Aplicar técnicas fisiológicas de control de ansiedad nos va a aportar varios beneficios.
Se trata de una estrategia natural que nos permitirá superar el momento de estrés agudo y prolongado que estamos viviendo. Es una técnica sencilla que se utiliza desde la antigüedad.
Técnicas como la relajación progresiva muscular o bien la respiración diafragmática lenta, es decir, respirar desde el diafragma en vez desde los pulmones, nos va a permitir controlar la ansiedad que sentimos.
En primer lugar nos va a permitir, rebajar el nivel de alerta, el nivel de activación producido por el sistema simpático, parar y respirar de una manera adecuada, nos permitirá relajarnos y además focalizarnos en el momento presente, atención plena al momento que estamos viviendo.

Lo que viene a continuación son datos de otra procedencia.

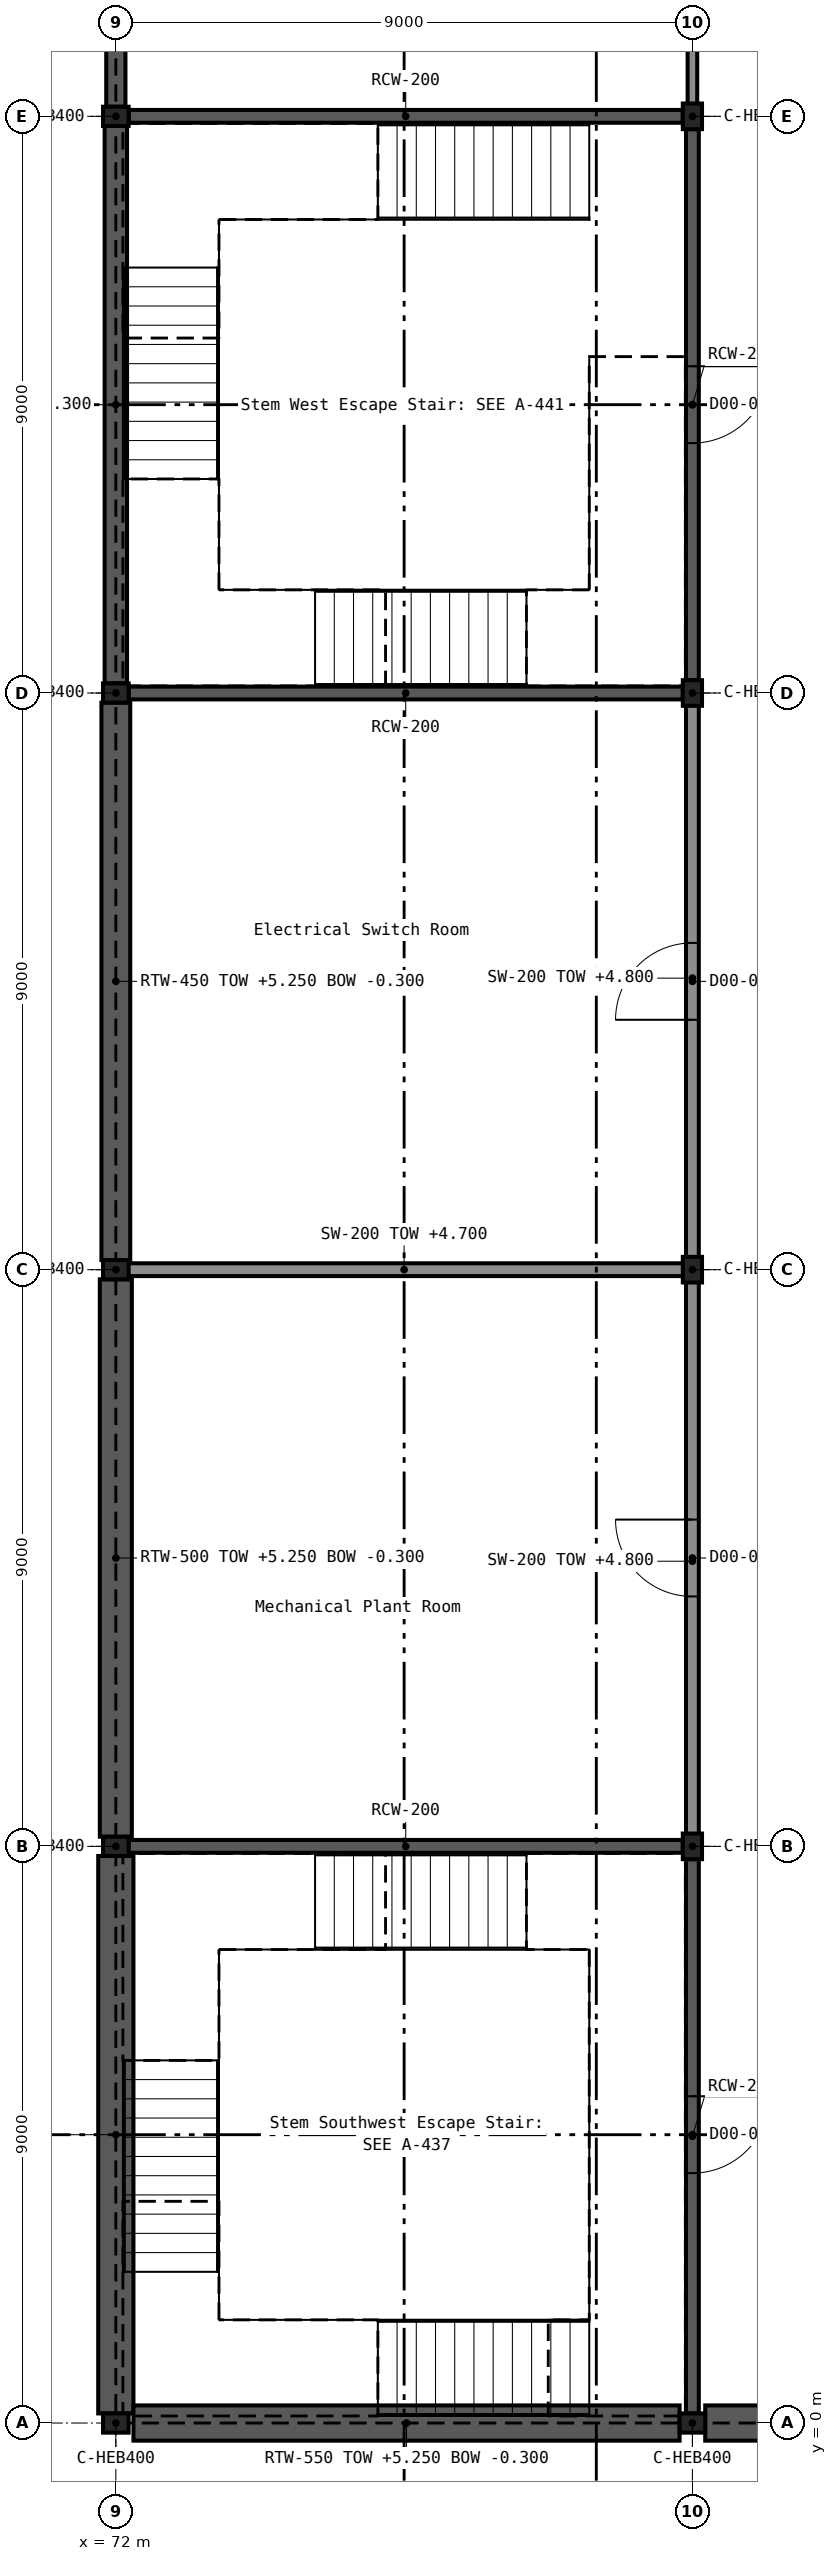
"""IFC4 building model, lengths in metres.
Left out: names, types, materials, properties, quantities, classifications, styles, units other than length and angle.
Written with IfcOpenShell. Run it as: python <this file> out.ifc"""

import sys

from ifc_helpers import new_model, si_unit, direction, frame, frame_2d, origin, origin_2d, place, context, subcontext, project, spatial, rectangle, i_section, extrude, element, fill, save


model = new_model("IFC4")
c1 = context("Model", 3, precision=1e-05, world=origin(), true_north=direction((0.0, 1.0)))
c2 = subcontext(c1, "Body", "Model", "MODEL_VIEW")
j1 = project(units=[si_unit("LENGTHUNIT", "METRE"), si_unit("PLANEANGLEUNIT", "RADIAN")], contexts=[c1])
p1 = place(None, origin())
s1 = spatial("IfcSite", under=j1, at=p1, CompositionType="ELEMENT")
p2 = place(p1, origin())
s2 = spatial("IfcBuilding", under=s1, at=p2, CompositionType="ELEMENT")
p3 = place(p2, origin())
s3 = spatial("IfcBuildingStorey", under=s2, at=p3, CompositionType="ELEMENT", Elevation=0.0)
for number, where, z_axis, x_axis in (
    (1, (72.0, 0.0, -0.3), (0.0, 0.0, 1.0), (0.0, 1.0, 0.0)),
    (2, (81.0, 0.0, -0.3), (0.0, 0.0, 1.0), (0.0, 1.0, 0.0)),
    (3, (72.0, 9.0, -0.3), (0.0, 0.0, 1.0), (0.0, 1.0, 0.0)),
    (4, (81.0, 9.0, -0.3), (0.0, 0.0, 1.0), (1.0, 0.0, 0.0)),
    (5, (72.0, 18.0, -0.3), (0.0, 0.0, 1.0), (0.0, 1.0, 0.0)),
    (6, (81.0, 18.0, -0.3), (0.0, 0.0, 1.0), (1.0, 0.0, 0.0)),
    (7, (72.0, 27.0, -0.3), (0.0, 0.0, 1.0), (0.0, 1.0, 0.0)),
    (8, (81.0, 27.0, -0.3), (0.0, 0.0, 1.0), (1.0, 0.0, 0.0)),
    (9, (72.0, 36.0, -0.3), (0.0, 0.0, 1.0), (0.0, 1.0, 0.0)),
    (10, (81.0, 36.0, -0.3), (0.0, 0.0, 1.0), (1.0, 0.0, 0.0)),
):
    element("IfcColumn", number, at=place(p3, frame(where, z_axis=z_axis, x_axis=x_axis)), inside=s3, PredefinedType="COLUMN", context=c2, shape_type="SweptSolid", body=[
        extrude(i_section(OverallWidth=0.3, OverallDepth=0.4, WebThickness=0.013, FlangeThickness=0.024, FilletRadius=0.027, at=origin_2d()), origin(), (0.0, 0.0, 1.0), 5.7),
    ])
p4 = place(p3, frame((72.0, 0.15, -0.3), z_axis=(0.0, 0.0, 1.0), x_axis=(0.0, 1.0, 0.0)))
e11 = element("IfcWall", 11, at=p4, inside=s3, PredefinedType="SOLIDWALL", context=c2, shape_type="SweptSolid", body=[
    extrude(rectangle(XDim=8.7, YDim=0.55, at=frame_2d((4.35, 0.0))), origin(), (0.0, 0.0, 1.0), 5.55),
])
p5 = place(p3, frame((72.0, 9.15, -0.3), z_axis=(0.0, 0.0, 1.0), x_axis=(0.0, 1.0, 0.0)))
e12 = element("IfcWall", 12, at=p5, inside=s3, PredefinedType="SOLIDWALL", context=c2, shape_type="SweptSolid", body=[
    extrude(rectangle(XDim=8.7, YDim=0.5, at=frame_2d((4.35, 0.0))), origin(), (0.0, 0.0, 1.0), 5.55),
])
p6 = place(p3, frame((72.0, 18.15, -0.3), z_axis=(0.0, 0.0, 1.0), x_axis=(0.0, 1.0, 0.0)))
e13 = element("IfcWall", 13, at=p6, inside=s3, PredefinedType="SOLIDWALL", context=c2, shape_type="SweptSolid", body=[
    extrude(rectangle(XDim=8.7, YDim=0.45, at=frame_2d((4.35, 0.0))), origin(), (0.0, 0.0, 1.0), 5.55),
])
p7 = place(p3, frame((72.0, 27.15, -0.3), z_axis=(0.0, 0.0, 1.0), x_axis=(0.0, 1.0, 0.0)))
e14 = element("IfcWall", 14, at=p7, inside=s3, PredefinedType="SOLIDWALL", context=c2, shape_type="SweptSolid", body=[
    extrude(rectangle(XDim=8.7, YDim=0.35, at=frame_2d((4.35, 0.0))), origin(), (0.0, 0.0, 1.0), 5.55),
])
p8 = place(p3, frame((72.0, 36.15, -0.3), z_axis=(0.0, 0.0, 1.0), x_axis=(0.0, 1.0, 0.0)))
e15 = element("IfcWall", 15, at=p8, inside=s3, PredefinedType="SOLIDWALL", context=c2, shape_type="SweptSolid", body=[
    extrude(rectangle(XDim=8.7, YDim=0.3, at=frame_2d((4.35, 0.0))), origin(), (0.0, 0.0, 1.0), 5.55),
])
p9 = place(p3, frame((72.275, 0.0, -0.3), z_axis=(0.0, 0.0, 1.0), x_axis=(1.0, 0.0, 0.0)))
e16 = element("IfcWall", 16, at=p9, inside=s3, PredefinedType="SOLIDWALL", context=c2, shape_type="SweptSolid", body=[
    extrude(rectangle(XDim=8.525, YDim=0.55, at=frame_2d((4.263, 0.0))), origin(), (0.0, 0.0, 1.0), 5.55),
])
p10 = place(p3, frame((81.2, 0.0, -0.3), z_axis=(0.0, 0.0, 1.0), x_axis=(1.0, 0.0, 0.0)))
e17 = element("IfcWall", 17, at=p10, inside=s3, PredefinedType="SOLIDWALL", context=c2, shape_type="SweptSolid", body=[
    extrude(rectangle(XDim=8.6, YDim=0.55, at=frame_2d((4.3, 0.0))), origin(), (0.0, 0.0, 1.0), 5.55),
])
p11 = place(p3, frame((72.2, 9.0, 0.0), z_axis=(0.0, 0.0, 1.0), x_axis=(1.0, 0.0, 0.0)))
e18 = element("IfcWall", 18, at=p11, inside=s3, PredefinedType="SHEAR", context=c2, shape_type="SweptSolid", body=[
    extrude(rectangle(XDim=8.65, YDim=0.2, at=frame_2d((4.325, 0.0))), origin(), (0.0, 0.0, 1.0), 5.4),
])
p12 = place(p3, frame((81.0, 0.15, 0.0), z_axis=(0.0, 0.0, 1.0), x_axis=(0.0, 1.0, 0.0)))
e19 = element("IfcWall", 19, at=p12, inside=s3, PredefinedType="SHEAR", context=c2, shape_type="SweptSolid", body=[
    extrude(rectangle(XDim=8.65, YDim=0.2, at=frame_2d((4.325, 0.0))), origin(), (0.0, 0.0, 1.0), 5.4),
])
p13 = place(p12, frame((3.75, 0.0, 0.0)))
e20 = element("IfcOpeningElement", 20, at=p13, cuts=e19, PredefinedType="OPENING", context=c2, shape_type="SweptSolid", body=[
    extrude(rectangle(XDim=1.2, YDim=2.1, at=frame_2d((0.6, 1.05))), frame((0.0, 0.111, 0.0), z_axis=(0.0, -1.0, 0.0), x_axis=(1.0, 0.0, 0.0)), (0.0, 0.0, 1.0), 0.222),
])
for number, where, z_axis, x_axis in (
    (21, (72.2, 27.0, 0.0), (0.0, 0.0, 1.0), (1.0, 0.0, 0.0)),
    (22, (72.2, 36.0, 0.0), (0.0, 0.0, 1.0), (1.0, 0.0, 0.0)),
):
    element("IfcWall", number, at=place(p3, frame(where, z_axis=z_axis, x_axis=x_axis)), inside=s3, PredefinedType="SHEAR", context=c2, shape_type="SweptSolid", body=[
        extrude(rectangle(XDim=8.65, YDim=0.2, at=frame_2d((4.325, 0.0))), origin(), (0.0, 0.0, 1.0), 5.4),
    ])
p14 = place(p3, frame((81.0, 27.2, 0.0), z_axis=(0.0, 0.0, 1.0), x_axis=(0.0, 1.0, 0.0)))
e23 = element("IfcWall", 23, at=p14, inside=s3, PredefinedType="SHEAR", context=c2, shape_type="SweptSolid", body=[
    extrude(rectangle(XDim=8.6, YDim=0.2, at=frame_2d((4.3, 0.0))), origin(), (0.0, 0.0, 1.0), 5.4),
])
p15 = place(p14, frame((3.7, 0.0, 0.0)))
e24 = element("IfcOpeningElement", 24, at=p15, cuts=e23, PredefinedType="OPENING", context=c2, shape_type="SweptSolid", body=[
    extrude(rectangle(XDim=1.2, YDim=2.1, at=frame_2d((0.6, 1.05))), frame((0.0, 0.111, 0.0), z_axis=(0.0, -1.0, 0.0), x_axis=(1.0, 0.0, 0.0)), (0.0, 0.0, 1.0), 0.222),
])
p16 = place(p3, frame((72.0, 18.0, 0.0), z_axis=(0.0, 0.0, 1.0), x_axis=(1.0, 0.0, 0.0)))
e25 = element("IfcWall", 25, at=p16, inside=s3, PredefinedType="SOLIDWALL", context=c2, shape_type="SweptSolid", body=[
    extrude(rectangle(XDim=9.0, YDim=0.2, at=frame_2d((4.5, 0.0))), origin(), (0.0, 0.0, 1.0), 4.7),
])
p17 = place(p3, frame((81.0, 9.0, 0.0), z_axis=(0.0, 0.0, 1.0), x_axis=(0.0, 1.0, 0.0)))
e26 = element("IfcWall", 26, at=p17, inside=s3, PredefinedType="SOLIDWALL", context=c2, shape_type="SweptSolid", body=[
    extrude(rectangle(XDim=8.9, YDim=0.2, at=frame_2d((4.45, 0.0))), origin(), (0.0, 0.0, 1.0), 4.8),
])
p18 = place(p17, frame((3.9, 0.0, 0.0)))
e27 = element("IfcOpeningElement", 27, at=p18, cuts=e26, PredefinedType="OPENING", context=c2, shape_type="SweptSolid", body=[
    extrude(rectangle(XDim=1.2, YDim=2.4, at=frame_2d((0.6, 1.2))), frame((0.0, 0.111, 0.0), z_axis=(0.0, -1.0, 0.0), x_axis=(1.0, 0.0, 0.0)), (0.0, 0.0, 1.0), 0.222),
])
p19 = place(p3, frame((81.0, 18.1, 0.0), z_axis=(0.0, 0.0, 1.0), x_axis=(0.0, 1.0, 0.0)))
e28 = element("IfcWall", 28, at=p19, inside=s3, PredefinedType="SOLIDWALL", context=c2, shape_type="SweptSolid", body=[
    extrude(rectangle(XDim=8.9, YDim=0.2, at=frame_2d((4.45, 0.0))), origin(), (0.0, 0.0, 1.0), 4.8),
])
p20 = place(p19, frame((3.8, 0.0, 0.0)))
e29 = element("IfcOpeningElement", 29, at=p20, cuts=e28, PredefinedType="OPENING", context=c2, shape_type="SweptSolid", body=[
    extrude(rectangle(XDim=1.2, YDim=2.4, at=frame_2d((0.6, 1.2))), frame((0.0, 0.111, 0.0), z_axis=(0.0, -1.0, 0.0), x_axis=(1.0, 0.0, 0.0)), (0.0, 0.0, 1.0), 0.222),
])
p21 = place(p3, frame((81.0, 36.0, 0.0), z_axis=(0.0, 0.0, 1.0), x_axis=(0.0, 1.0, 0.0)))
e30 = element("IfcWall", 30, at=p21, inside=s3, PredefinedType="PARTITIONING", context=c2, shape_type="SweptSolid", body=[
    extrude(rectangle(XDim=9.0, YDim=0.15, at=frame_2d((4.5, 0.0))), origin(), (0.0, 0.0, 1.0), 4.8),
])
p22 = place(p21, frame((3.6, 0.0, 0.0)))
e31 = element("IfcOpeningElement", 31, at=p22, cuts=e30, PredefinedType="OPENING", context=c2, shape_type="SweptSolid", body=[
    extrude(rectangle(XDim=1.8, YDim=2.1, at=frame_2d((0.9, 1.05))), frame((0.0, 0.086, 0.0), z_axis=(0.0, -1.0, 0.0), x_axis=(1.0, 0.0, 0.0)), (0.0, 0.0, 1.0), 0.172),
])
p23 = place(p13, frame((1.2, 0.0, 0.0), z_axis=(0.0, 0.0, 1.0), x_axis=(-1.0, 0.0, 0.0)))
e32 = element("IfcDoor", 32, at=p23, inside=s3, OperationType="SINGLE_SWING_LEFT", PredefinedType="DOOR", context=c2, shape_type="SweptSolid", body=[
    extrude(rectangle(XDim=1.2, YDim=2.1, at=frame_2d((0.6, 1.05))), frame((0.0, 0.025, 0.0), z_axis=(0.0, -1.0, 0.0), x_axis=(1.0, 0.0, 0.0)), (0.0, 0.0, 1.0), 0.05),
])
fill(e20, e32)
p24 = place(p15, frame((1.2, 0.0, 0.0), z_axis=(0.0, 0.0, 1.0), x_axis=(-1.0, 0.0, 0.0)))
e33 = element("IfcDoor", 33, at=p24, inside=s3, OperationType="SINGLE_SWING_LEFT", PredefinedType="DOOR", context=c2, shape_type="SweptSolid", body=[
    extrude(rectangle(XDim=1.2, YDim=2.1, at=frame_2d((0.6, 1.05))), frame((0.0, 0.025, 0.0), z_axis=(0.0, -1.0, 0.0), x_axis=(1.0, 0.0, 0.0)), (0.0, 0.0, 1.0), 0.05),
])
fill(e24, e33)
p25 = place(p18, origin())
e34 = element("IfcDoor", 34, at=p25, inside=s3, OperationType="SINGLE_SWING_RIGHT", PredefinedType="DOOR", context=c2, shape_type="SweptSolid", body=[
    extrude(rectangle(XDim=1.2, YDim=2.4, at=frame_2d((0.6, 1.2))), frame((0.0, 0.025, 0.0), z_axis=(0.0, -1.0, 0.0), x_axis=(1.0, 0.0, 0.0)), (0.0, 0.0, 1.0), 0.05),
])
fill(e27, e34)
p26 = place(p20, origin())
e35 = element("IfcDoor", 35, at=p26, inside=s3, OperationType="SINGLE_SWING_LEFT", PredefinedType="DOOR", context=c2, shape_type="SweptSolid", body=[
    extrude(rectangle(XDim=1.2, YDim=2.4, at=frame_2d((0.6, 1.2))), frame((0.0, 0.025, 0.0), z_axis=(0.0, -1.0, 0.0), x_axis=(1.0, 0.0, 0.0)), (0.0, 0.0, 1.0), 0.05),
])
fill(e29, e35)
save(model, sys.argv[1])

Además mediante técnicas cognitivas como la parada de pensamientos automáticos, la distracción cognitiva, autoinstrucciones, vamos a lograr parar la rumiación cognitiva, es decir, pensamientos negativos que invaden nuestra mente de manera repetitiva, de manera que empeoran nuestra respiración y nuestro estado de ánimo.
Esta práctica de relajación diafragmática, podemos utilizarla varias veces al día según la necesitemos o bien al levantarnos y al acostarnos para tener un sueño reparador.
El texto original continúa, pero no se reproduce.